Don’t kid yourself. You could get mentally ill. This is why so many GPs and consultants are looking to go part time. The result is less continuity of care, and especially in GP land, lack of the doctor patient relationship which stopped complaints and led to understanding. I used to look after mild anorexics myself, and there is evidence that they do worse in the hands of the “experts”, but then of course only the worst get to the experts. Now a new NICE guideline means they will all go into the mental health system.. Without continuity of care perhaps this is just as well.
With increased stress, litigation, complaints and expectations, all doctors know they are at risk of burnout or mental illness. It is so sad that with no votes in it, no large party is really interested in mental health.
40 % of primary care is mental health, and yet GPs do not all get mental health training.
Police are investigating the deaths of “up to 20 patients” at a mental health facility in Essex.
Last week an inquest ruled that the authorities had failed to protect Richard Wade, 30, who died in May 2015 after staff at the Linden Centre in Chelmsford failed to confiscate the item he used to hang himself when he was admitted.
Matthew Leahy, 20, died at the centre on November 15, 2012. The inquest into his death concluded there had been “multiple failures”.
The court heard that observation slots were missed, the ward was short staffed and no care plan was put in place for Mr Leahy after he was sectioned on November 7.
The two men were among seven inpatients known to have died at the centre since 2001, all of whom had attached a ligature to fixtures or furniture. Mr Leahy’s mother, Melanie, said that Essex police had told her they were “still investigating my son’s death but are also looking at . . . up to 20 patients, who all died by the same means”.
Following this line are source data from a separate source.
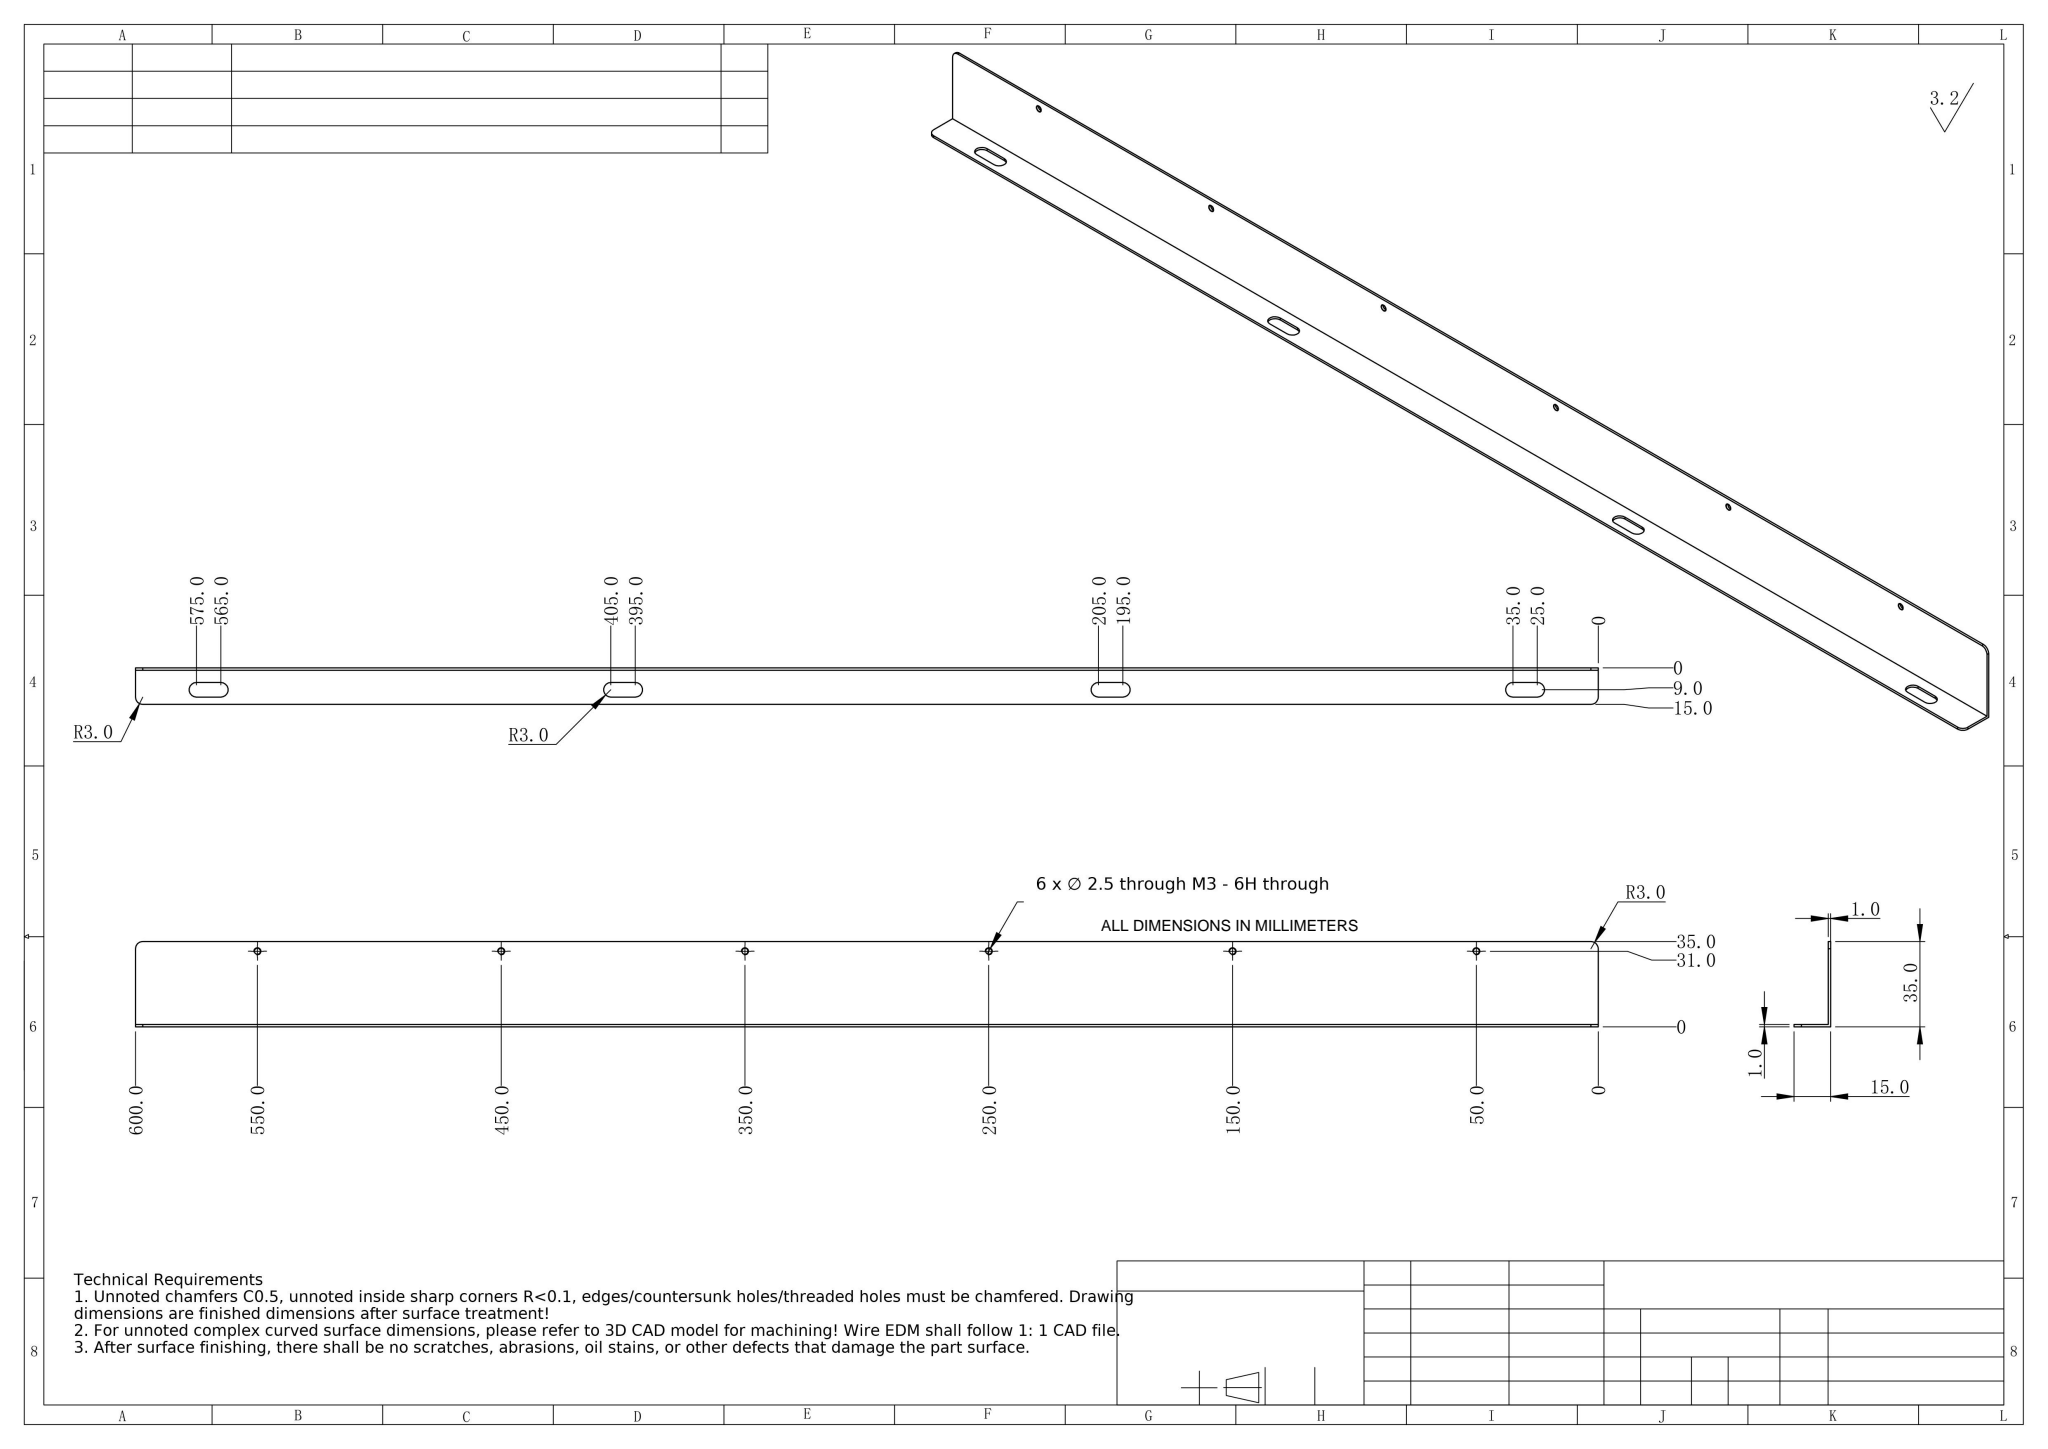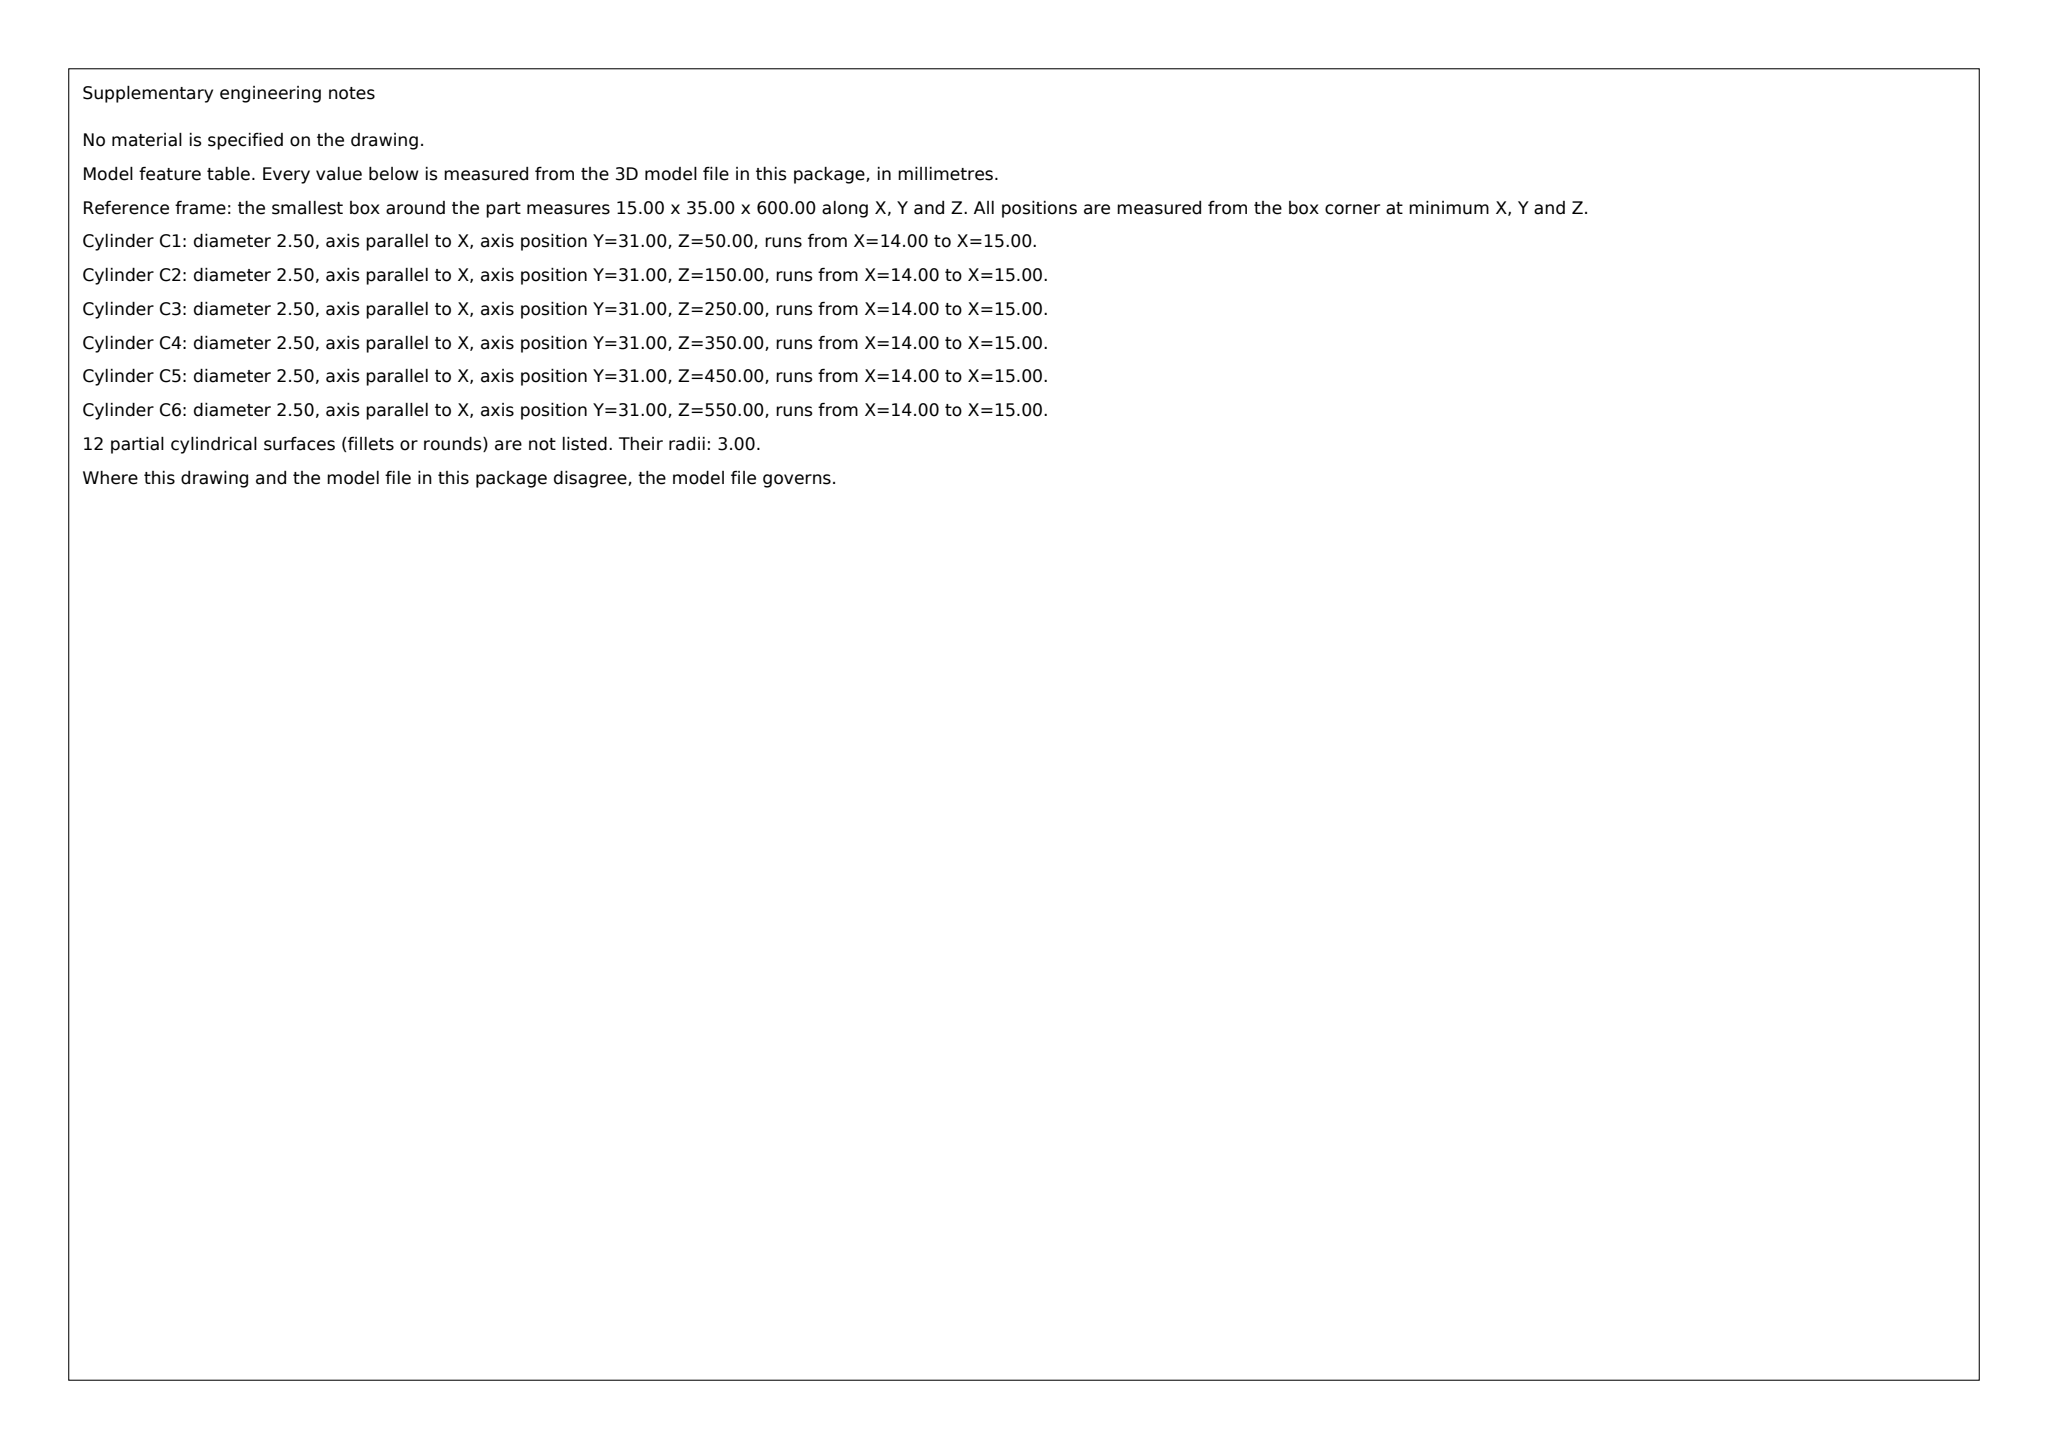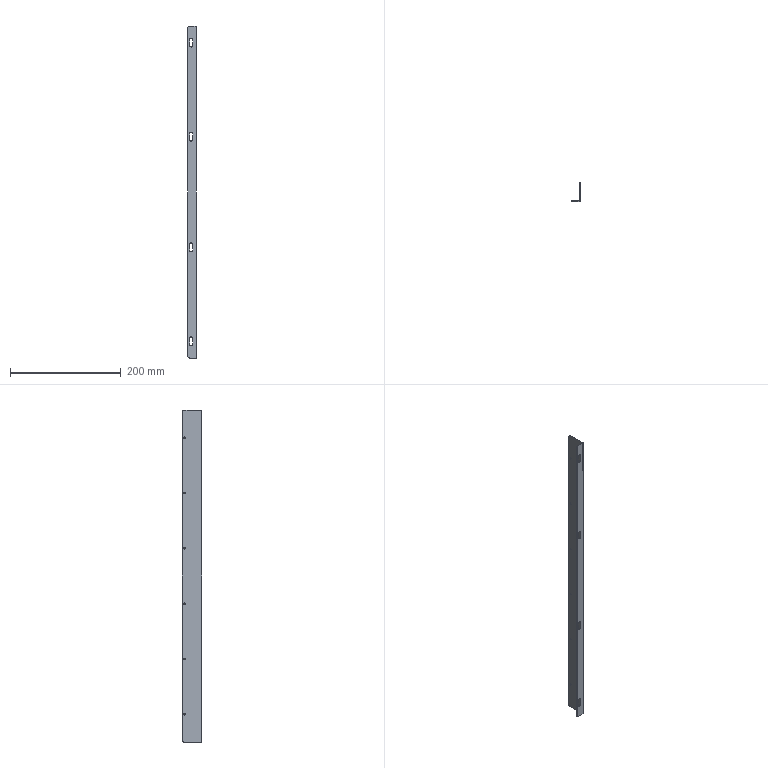Part | SolidWorks | mm | 1 solid | 44 faces | box 15 x 35 x 600 mm | volume 29010 mm3 | cylinder 28 | plane 16 | commonest cylinder face diameters 6 x16 2.5 x12
build123d program:
from build123d import *

# Parameters (mm, degrees)
EXTRUDE_THIN1_DEPTH = 300
FILLET1_R           = 3
M3_TAPPED_HOLE1_D   = 2.5
CUT_EXTRUDE1_DEPTH  = 10


with BuildPart() as part:
    # Sketch1 → Extrude-Thin1 (new, symmetric)
    with BuildSketch(Plane.XY):
        Polygon((0, 0), (0, -35), (-15, -35), (-15, -34), (-1, -34), (-1, 0), align=None)
    extrude(amount=EXTRUDE_THIN1_DEPTH, both=True)

    # Fillet1
    fillet1_edges = [part.edges().sort_by_distance(p)[0] for p in [
        (-0.5, 0, 300),
        (-0.5, 0, -300),
        (-15, -34.5, -300),
        (-15, -34.5, 300),
    ]]
    fillet(fillet1_edges, radius=FILLET1_R)

    # M3 Tapped Hole1 (through all)
    with Locations(Plane.ZY.offset(1)):
        with Locations((-250, -4), (-150, -4), (-50, -4), (50, -4), (150, -4), (250, -4)):
            Hole(M3_TAPPED_HOLE1_D / 2)

    # Sketch4 → Cut-Extrude1 (cut)
    with BuildSketch(Plane.XZ.offset(35)):
        with BuildLine():
            Line((-6, 275), (-6, 265))
            ThreePointArc((-6, 265), (-9, 262), (-12, 265))
            Line((-12, 265), (-12, 275))
            ThreePointArc((-12, 275), (-9, 278), (-6, 275))
        make_face()
        with BuildLine():
            Line((-6, 105), (-6, 95))
            ThreePointArc((-6, 95), (-9, 92), (-12, 95))
            Line((-12, 95), (-12, 105))
            ThreePointArc((-12, 105), (-9, 108), (-6, 105))
        make_face()
        with BuildLine():
            Line((-6, -105), (-6, -95))
            ThreePointArc((-6, -95), (-9, -92), (-12, -95))
            Line((-12, -95), (-12, -105))
            ThreePointArc((-12, -105), (-9, -108), (-6, -105))
        make_face()
        with BuildLine():
            Line((-6, -275), (-6, -265))
            ThreePointArc((-6, -265), (-9, -262), (-12, -265))
            Line((-12, -265), (-12, -275))
            ThreePointArc((-12, -275), (-9, -278), (-6, -275))
        make_face()
    extrude(amount=-CUT_EXTRUDE1_DEPTH, mode=Mode.SUBTRACT)


solid = part.part

A Care Quality Commission report in 2016 on the Essex Partnership Trust, which runs the Linden Centre, found improvement was required at the trust and said that there were too many places where patients could hang themselves.
It warned: “Over the past five years, CQC inspectors, along with Mental Health Act reviewers, have inspected this trust several times. Each time we have identified problems that the trust needed to address; for example regarding safety at both the Linden Centre and the Lakes locations. Each time the trust had given assurances and then has not done so.”
Ms Leahy welcomed the fresh investigation and said: “I have worked tirelessly to collect evidence going back to 2001, which proves the trust knew about the ligature points on the ward.
“As proved by the Care Quality Commission inspection in 2015, the wards were not up to the standard required to ensure patient safety.
“The trust had been advised to change things after other patient deaths.”
One nurse, who left the trust in mid-2016 after a decade, speaking anonymously to the BBC, said that ligature points had been identified “many years before” Mr Leahy’s death but had not been resolved.
“If you asked too many questions you were deemed as a troublemaker and things made difficult for you,” he said.
A spokesman for Essex police said that the force was “conducting initial inquiries into a number of deaths which have occurred at the Linden Centre since 2000”.
He added: “This work follows further allegations surrounding the death of Matthew Leahy at the facility in Chelmsford on November 15, 2012.
“We would not put specific links to specific deaths, the research phase will look at the circumstances of a number and then identify those that may have a link due to the circumstances of how the individuals died.”
A spokesman for the Essex trust said the serious incidents were of “great concern” and the trust was “improving systems to ensure that investigations are carried out rigorously. The trust will co-operate with any police inquiries.”